“It may be that Miss Bates really understands dog nature, but she has not expressed it here.”
− Nation 110:861 Je 26 ’20 310w + Outlook 124:203 F 4 ’20 60w
“We like her writing best when it is most bookish. That is its note. We have other books on our shelves aplenty in which the canine hero plays a more tragic or pathetic or even humorous rôle, but none in which he is more humanly literate than Miss Bates’s Sigurd of the golden fleece.”
+ Review 2:135 F 7 ’20 260w
“Cannot fail to please all animal lovers.”

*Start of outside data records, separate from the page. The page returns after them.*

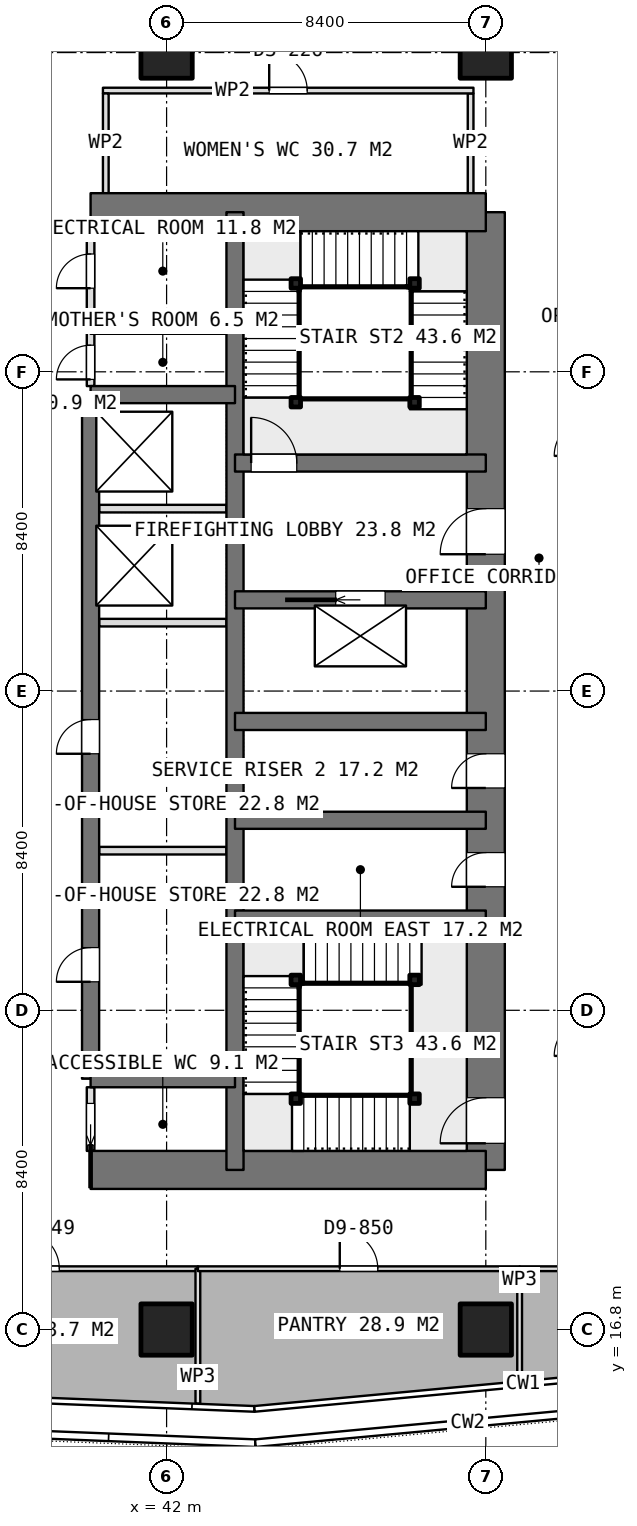
"""IFC4 building model, lengths in metres.
Left out: names, types, materials, properties, quantities, classifications, styles, units other than length and angle.
Written with IfcOpenShell. Run it as: python <this file> out.ifc"""

import sys

from ifc_helpers import new_model, si_unit, direction, frame, frame_2d, origin, origin_2d, place, context, subcontext, project, spatial, rectangle, extrude, element, fill, save


model = new_model("IFC4")
c1 = context("Model", 3, precision=1e-05, world=origin(), true_north=direction((0.0, 1.0)))
c2 = subcontext(c1, "Body", "Model", "MODEL_VIEW")
j1 = project(units=[si_unit("LENGTHUNIT", "METRE"), si_unit("PLANEANGLEUNIT", "RADIAN")], contexts=[c1])
p1 = place(None, origin())
s1 = spatial("IfcSite", under=j1, at=p1, CompositionType="ELEMENT")
p2 = place(p1, origin())
s2 = spatial("IfcBuilding", under=s1, at=p2, CompositionType="ELEMENT")
p3 = place(p2, frame((0.0, 0.0, 210.2)))
s3 = spatial("IfcBuildingStorey", under=s2, at=p3, CompositionType="ELEMENT", Elevation=210.2)
for number, where, z_axis, x_axis in (
    (1, (40.0, 21.0, 0.0), (0.0, 0.0, 1.0), (1.0, 0.0, 0.0)),
    (2, (40.0, 46.2, 0.0), (0.0, 0.0, 1.0), (1.0, 0.0, 0.0)),
):
    element("IfcWall", number, at=place(p3, frame(where, z_axis=z_axis, x_axis=x_axis)), inside=s3, PredefinedType="SHEAR", context=c2, shape_type="SweptSolid", body=[
        extrude(rectangle(XDim=10.4, YDim=1.0, at=frame_2d((5.2, 0.0))), origin(), (0.0, 0.0, 1.0), 3.75),
    ])
p4 = place(p3, frame((50.4, 21.0, 0.0), z_axis=(0.0, 0.0, 1.0), x_axis=(0.0, 1.0, 0.0)))
e3 = element("IfcWall", 3, at=p4, inside=s3, PredefinedType="SHEAR", context=c2, shape_type="SweptSolid", body=[
    extrude(rectangle(XDim=25.2, YDim=1.0, at=frame_2d((12.6, 0.0))), origin(), (0.0, 0.0, 1.0), 3.75),
])
p5 = place(p4, frame((16.2, 0.0, 0.0)))
e4 = element("IfcOpeningElement", 4, at=p5, cuts=e3, PredefinedType="OPENING", context=c2, shape_type="SweptSolid", body=[
    extrude(rectangle(XDim=1.2, YDim=2.1, at=frame_2d((0.6, 1.05))), frame((0.0, 0.51, 0.0), z_axis=(0.0, -1.0, 0.0), x_axis=(1.0, 0.0, 0.0)), (0.0, 0.0, 1.0), 1.02),
])
p6 = place(p4, frame((10.05, 0.0, 0.0)))
e5 = element("IfcOpeningElement", 5, at=p6, cuts=e3, PredefinedType="OPENING", context=c2, shape_type="SweptSolid", body=[
    extrude(rectangle(XDim=0.9, YDim=2.1, at=frame_2d((0.45, 1.05))), frame((0.0, 0.51, 0.0), z_axis=(0.0, -1.0, 0.0), x_axis=(1.0, 0.0, 0.0)), (0.0, 0.0, 1.0), 1.02),
])
p7 = place(p4, frame((7.45, 0.0, 0.0)))
e6 = element("IfcOpeningElement", 6, at=p7, cuts=e3, PredefinedType="OPENING", context=c2, shape_type="SweptSolid", body=[
    extrude(rectangle(XDim=0.9, YDim=2.1, at=frame_2d((0.45, 1.05))), frame((0.0, 0.51, 0.0), z_axis=(0.0, -1.0, 0.0), x_axis=(1.0, 0.0, 0.0)), (0.0, 0.0, 1.0), 1.02),
])
p8 = place(p4, frame((0.7, 0.0, 0.0)))
e7 = element("IfcOpeningElement", 7, at=p8, cuts=e3, PredefinedType="OPENING", context=c2, shape_type="SweptSolid", body=[
    extrude(rectangle(XDim=1.2, YDim=2.1, at=frame_2d((0.6, 1.05))), frame((0.0, 0.51, 0.0), z_axis=(0.0, -1.0, 0.0), x_axis=(1.0, 0.0, 0.0)), (0.0, 0.0, 1.0), 1.02),
])
p9 = place(p3, frame((43.8, 21.0, 0.0), z_axis=(0.0, 0.0, 1.0), x_axis=(0.0, 1.0, 0.0)))
e8 = element("IfcWall", 8, at=p9, inside=s3, PredefinedType="SHEAR", context=c2, shape_type="SweptSolid", body=[
    extrude(rectangle(XDim=25.2, YDim=0.45, at=frame_2d((12.6, 0.0))), origin(), (0.0, 0.0, 1.0), 3.75),
])
p10 = place(p3, frame((40.0, 23.4, 0.0), z_axis=(0.0, 0.0, 1.0), x_axis=(0.0, 1.0, 0.0)))
e9 = element("IfcWall", 9, at=p10, inside=s3, PredefinedType="SHEAR", context=c2, shape_type="SweptSolid", body=[
    extrude(rectangle(XDim=18.0, YDim=0.45, at=frame_2d((9.0, 0.0))), origin(), (0.0, 0.0, 1.0), 3.75),
])
p11 = place(p10, frame((2.55, 0.0, 0.0)))
e10 = element("IfcOpeningElement", 10, at=p11, cuts=e9, PredefinedType="OPENING", context=c2, shape_type="SweptSolid", body=[
    extrude(rectangle(XDim=0.9, YDim=2.1, at=frame_2d((0.45, 1.05))), frame((0.0, 0.235, 0.0), z_axis=(0.0, -1.0, 0.0), x_axis=(1.0, 0.0, 0.0)), (0.0, 0.0, 1.0), 0.47),
])
p12 = place(p10, frame((8.55, 0.0, 0.0)))
e11 = element("IfcOpeningElement", 11, at=p12, cuts=e9, PredefinedType="OPENING", context=c2, shape_type="SweptSolid", body=[
    extrude(rectangle(XDim=0.9, YDim=2.1, at=frame_2d((0.45, 1.05))), frame((0.0, 0.235, 0.0), z_axis=(0.0, -1.0, 0.0), x_axis=(1.0, 0.0, 0.0)), (0.0, 0.0, 1.0), 0.47),
])
for number, where, z_axis, x_axis in (
    (12, (40.0, 23.4, 0.0), (0.0, 0.0, 1.0), (1.0, 0.0, 0.0)),
    (13, (40.0, 41.4, 0.0), (0.0, 0.0, 1.0), (1.0, 0.0, 0.0)),
):
    element("IfcWall", number, at=place(p3, frame(where, z_axis=z_axis, x_axis=x_axis)), inside=s3, PredefinedType="SHEAR", context=c2, shape_type="SweptSolid", body=[
        extrude(rectangle(XDim=3.8, YDim=0.45, at=frame_2d((1.9, 0.0))), origin(), (0.0, 0.0, 1.0), 3.75),
    ])
for number, where, z_axis, x_axis in (
    (14, (43.8, 27.6, 0.0), (0.0, 0.0, 1.0), (1.0, 0.0, 0.0)),
    (15, (43.8, 30.2, 0.0), (0.0, 0.0, 1.0), (1.0, 0.0, 0.0)),
    (16, (43.8, 32.8, 0.0), (0.0, 0.0, 1.0), (1.0, 0.0, 0.0)),
):
    element("IfcWall", number, at=place(p3, frame(where, z_axis=z_axis, x_axis=x_axis)), inside=s3, PredefinedType="SHEAR", context=c2, shape_type="SweptSolid", body=[
        extrude(rectangle(XDim=6.6, YDim=0.45, at=frame_2d((3.3, 0.0))), origin(), (0.0, 0.0, 1.0), 3.75),
    ])
p13 = place(p3, frame((43.8, 36.0, 0.0), z_axis=(0.0, 0.0, 1.0), x_axis=(1.0, 0.0, 0.0)))
e17 = element("IfcWall", 17, at=p13, inside=s3, PredefinedType="SHEAR", context=c2, shape_type="SweptSolid", body=[
    extrude(rectangle(XDim=6.6, YDim=0.45, at=frame_2d((3.3, 0.0))), origin(), (0.0, 0.0, 1.0), 3.75),
])
p14 = place(p13, frame((2.65, 0.0, 0.0)))
e18 = element("IfcOpeningElement", 18, at=p14, cuts=e17, PredefinedType="OPENING", context=c2, shape_type="SweptSolid", body=[
    extrude(rectangle(XDim=1.3, YDim=2.1, at=frame_2d((0.65, 1.05))), frame((0.0, 0.235, 0.0), z_axis=(0.0, -1.0, 0.0), x_axis=(1.0, 0.0, 0.0)), (0.0, 0.0, 1.0), 0.47),
])
p15 = place(p3, frame((43.8, 39.6, 0.0), z_axis=(0.0, 0.0, 1.0), x_axis=(1.0, 0.0, 0.0)))
e19 = element("IfcWall", 19, at=p15, inside=s3, PredefinedType="SHEAR", context=c2, shape_type="SweptSolid", body=[
    extrude(rectangle(XDim=6.6, YDim=0.45, at=frame_2d((3.3, 0.0))), origin(), (0.0, 0.0, 1.0), 3.75),
])
p16 = place(p15, frame((0.425, 0.0, 0.0)))
e20 = element("IfcOpeningElement", 20, at=p16, cuts=e19, PredefinedType="OPENING", context=c2, shape_type="SweptSolid", body=[
    extrude(rectangle(XDim=1.2, YDim=2.1, at=frame_2d((0.6, 1.05))), frame((0.0, 0.235, 0.0), z_axis=(0.0, -1.0, 0.0), x_axis=(1.0, 0.0, 0.0)), (0.0, 0.0, 1.0), 0.47),
])
for number, where, z_axis, x_axis in (
    (21, (42.0, 16.8, 0.0), (0.0, 0.0, 1.0), (1.0, 0.0, 0.0)),
    (22, (42.0, 50.4, 0.0), (0.0, 0.0, 1.0), (1.0, 0.0, 0.0)),
    (23, (50.4, 16.8, 0.0), (0.0, 0.0, 1.0), (1.0, 0.0, 0.0)),
    (24, (50.4, 50.4, 0.0), (0.0, 0.0, 1.0), (1.0, 0.0, 0.0)),
):
    element("IfcColumn", number, at=place(p3, frame(where, z_axis=z_axis, x_axis=x_axis)), inside=s3, PredefinedType="COLUMN", context=c2, shape_type="SweptSolid", body=[
        extrude(rectangle(XDim=1.35, YDim=1.35, at=origin_2d()), origin(), (0.0, 0.0, 1.0), 3.75),
    ])
for number, where, z_axis, x_axis in (
    (25, (40.225, 29.4, 0.0), (0.0, 0.0, 1.0), (1.0, 0.0, 0.0)),
    (26, (40.225, 35.4, 0.0), (0.0, 0.0, 1.0), (1.0, 0.0, 0.0)),
    (27, (40.225, 38.4, 0.0), (0.0, 0.0, 1.0), (1.0, 0.0, 0.0)),
):
    element("IfcWall", number, at=place(p3, frame(where, z_axis=z_axis, x_axis=x_axis)), inside=s3, PredefinedType="PARTITIONING", context=c2, shape_type="SweptSolid", body=[
        extrude(rectangle(XDim=3.35, YDim=0.2, at=frame_2d((1.675, 0.0))), origin(), (0.0, 0.0, 1.0), 3.5),
    ])
p17 = place(p3, frame((40.0, 21.5, 0.0), z_axis=(0.0, 0.0, 1.0), x_axis=(0.0, 1.0, 0.0)))
e28 = element("IfcWall", 28, at=p17, inside=s3, PredefinedType="PARTITIONING", context=c2, shape_type="SweptSolid", body=[
    extrude(rectangle(XDim=1.675, YDim=0.2, at=frame_2d((0.837, 0.0))), origin(), (0.0, 0.0, 1.0), 3.5),
])
p18 = place(p17, frame((0.15, 0.0, 0.0)))
e29 = element("IfcOpeningElement", 29, at=p18, cuts=e28, PredefinedType="OPENING", context=c2, shape_type="SweptSolid", body=[
    extrude(rectangle(XDim=1.1, YDim=2.1, at=frame_2d((0.55, 1.05))), frame((0.0, 0.11, 0.0), z_axis=(0.0, -1.0, 0.0), x_axis=(1.0, 0.0, 0.0)), (0.0, 0.0, 1.0), 0.22),
])
p19 = place(p3, frame((40.0, 41.625, 0.0), z_axis=(0.0, 0.0, 1.0), x_axis=(0.0, 1.0, 0.0)))
e30 = element("IfcWall", 30, at=p19, inside=s3, PredefinedType="PARTITIONING", context=c2, shape_type="SweptSolid", body=[
    extrude(rectangle(XDim=4.075, YDim=0.2, at=frame_2d((2.038, 0.0))), origin(), (0.0, 0.0, 1.0), 3.5),
])
p20 = place(p19, frame((2.575, 0.0, 0.0)))
e31 = element("IfcOpeningElement", 31, at=p20, cuts=e30, PredefinedType="OPENING", context=c2, shape_type="SweptSolid", body=[
    extrude(rectangle(XDim=0.9, YDim=2.1, at=frame_2d((0.45, 1.05))), frame((0.0, 0.11, 0.0), z_axis=(0.0, -1.0, 0.0), x_axis=(1.0, 0.0, 0.0)), (0.0, 0.0, 1.0), 0.22),
])
p21 = place(p19, frame((0.175, 0.0, 0.0)))
e32 = element("IfcOpeningElement", 32, at=p21, cuts=e30, PredefinedType="OPENING", context=c2, shape_type="SweptSolid", body=[
    extrude(rectangle(XDim=0.9, YDim=2.1, at=frame_2d((0.45, 1.05))), frame((0.0, 0.11, 0.0), z_axis=(0.0, -1.0, 0.0), x_axis=(1.0, 0.0, 0.0)), (0.0, 0.0, 1.0), 0.22),
])
p22 = place(p3, frame((40.0, 43.1, 0.0), z_axis=(0.0, 0.0, 1.0), x_axis=(1.0, 0.0, 0.0)))
e33 = element("IfcWall", 33, at=p22, inside=s3, PredefinedType="PARTITIONING", context=c2, shape_type="SweptSolid", body=[
    extrude(rectangle(XDim=3.575, YDim=0.2, at=frame_2d((1.788, 0.0))), origin(), (0.0, 0.0, 1.0), 3.5),
])
p23 = place(p3, frame((40.325, 49.4, 0.0), z_axis=(0.0, 0.0, 1.0), x_axis=(1.0, 0.0, 0.0)))
e34 = element("IfcWall", 34, at=p23, inside=s3, PredefinedType="PARTITIONING", context=c2, shape_type="SweptSolid", body=[
    extrude(rectangle(XDim=9.75, YDim=0.15, at=frame_2d((4.875, 0.0))), origin(), (0.0, 0.0, 1.0), 3.5),
])
p24 = place(p23, frame((4.375, 0.0, 0.0)))
e35 = element("IfcOpeningElement", 35, at=p24, cuts=e34, PredefinedType="OPENING", context=c2, shape_type="SweptSolid", body=[
    extrude(rectangle(XDim=1.0, YDim=2.1, at=frame_2d((0.5, 1.05))), frame((0.0, 0.085, 0.0), z_axis=(0.0, -1.0, 0.0), x_axis=(1.0, 0.0, 0.0)), (0.0, 0.0, 1.0), 0.17),
])
for number, where, z_axis, x_axis in (
    (36, (40.4, 46.7, 0.0), (0.0, 0.0, 1.0), (0.0, 1.0, 0.0)),
    (37, (50.0, 46.7, 0.0), (0.0, 0.0, 1.0), (0.0, 1.0, 0.0)),
):
    element("IfcWall", number, at=place(p3, frame(where, z_axis=z_axis, x_axis=x_axis)), inside=s3, PredefinedType="PARTITIONING", context=c2, shape_type="SweptSolid", body=[
        extrude(rectangle(XDim=2.625, YDim=0.15, at=frame_2d((1.312, 0.0))), origin(), (0.0, 0.0, 1.0), 3.5),
    ])
p25 = place(p3, frame((34.531, 18.4, 0.0), z_axis=(0.0, 0.0, 1.0), x_axis=(1.0, 0.0, 0.0)))
e38 = element("IfcWall", 38, at=p25, inside=s3, PredefinedType="PARTITIONING", context=c2, shape_type="SweptSolid", body=[
    extrude(rectangle(XDim=8.292, YDim=0.125, at=frame_2d((4.146, 0.0))), origin(), (0.0, 0.0, 1.0), 3.5),
])
p26 = place(p25, frame((3.646, 0.0, 0.0)))
e39 = element("IfcOpeningElement", 39, at=p26, cuts=e38, PredefinedType="OPENING", context=c2, shape_type="SweptSolid", body=[
    extrude(rectangle(XDim=1.0, YDim=2.1, at=frame_2d((0.5, 1.05))), frame((0.0, 0.073, 0.0), z_axis=(0.0, -1.0, 0.0), x_axis=(1.0, 0.0, 0.0)), (0.0, 0.0, 1.0), 0.145),
])
p27 = place(p3, frame((42.823, 18.4, 0.0), z_axis=(0.0, 0.0, 1.0), x_axis=(0.0, -1.0, 0.0)))
e40 = element("IfcWall", 40, at=p27, inside=s3, PredefinedType="PARTITIONING", context=c2, shape_type="SweptSolid", body=[
    extrude(rectangle(XDim=3.549, YDim=0.125, at=frame_2d((1.774, 0.0))), origin(), (0.0, 0.0, 1.0), 3.5),
])
p28 = place(p3, frame((42.824, 18.4, 0.0), z_axis=(0.0, 0.0, 1.0), x_axis=(1.0, 0.0, 0.0)))
e41 = element("IfcWall", 41, at=p28, inside=s3, PredefinedType="PARTITIONING", context=c2, shape_type="SweptSolid", body=[
    extrude(rectangle(XDim=8.466, YDim=0.125, at=frame_2d((4.233, 0.0))), origin(), (0.0, 0.0, 1.0), 3.5),
])
p29 = place(p28, frame((3.733, 0.0, 0.0)))
e42 = element("IfcOpeningElement", 42, at=p29, cuts=e41, PredefinedType="OPENING", context=c2, shape_type="SweptSolid", body=[
    extrude(rectangle(XDim=1.0, YDim=2.1, at=frame_2d((0.5, 1.05))), frame((0.0, 0.073, 0.0), z_axis=(0.0, -1.0, 0.0), x_axis=(1.0, 0.0, 0.0)), (0.0, 0.0, 1.0), 0.145),
])
p30 = place(p3, frame((51.29, 18.4, 0.0), z_axis=(0.0, 0.0, 1.0), x_axis=(0.0, -1.0, 0.0)))
e43 = element("IfcWall", 43, at=p30, inside=s3, PredefinedType="PARTITIONING", context=c2, shape_type="SweptSolid", body=[
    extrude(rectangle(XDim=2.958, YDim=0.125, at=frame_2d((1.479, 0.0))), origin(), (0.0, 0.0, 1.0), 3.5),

+ Springf’d Republican p13 F 1 ’20 1000w
BATTERSBY, HENRY FRANCIS PREVOST (FRANCIS PREVOST, pseud.). Edge of doom. *$1.75 (2c) Lane
20–7652
A novel with scenes laid in England, East Africa and on the western front. Rumors of Julian Abingdon’s disgraceful conduct in Central Africa, where he has held official position, reach London, together with an unconfirmed rumor of his death. Believing him still alive and desiring to clear his name, his fiancée, Cyllene Moriston, insists on going out to look for him. His cousin, Jim Chaytor, who has always disliked Abingdon, takes charge of her expedition. Cyllene is stricken with fever and is left in the care of German missionaries while Chaytor goes on to find Julian. He finds him alive and well and living voluptuously with native women and hence desiring to remain officially dead. He does not tell Cyllene the truth; marries her himself and is then separated from her by the outbreak of the war. During his absence she meets Julian, finds that her old love is dead, and turns with full hearted devotion to her husband.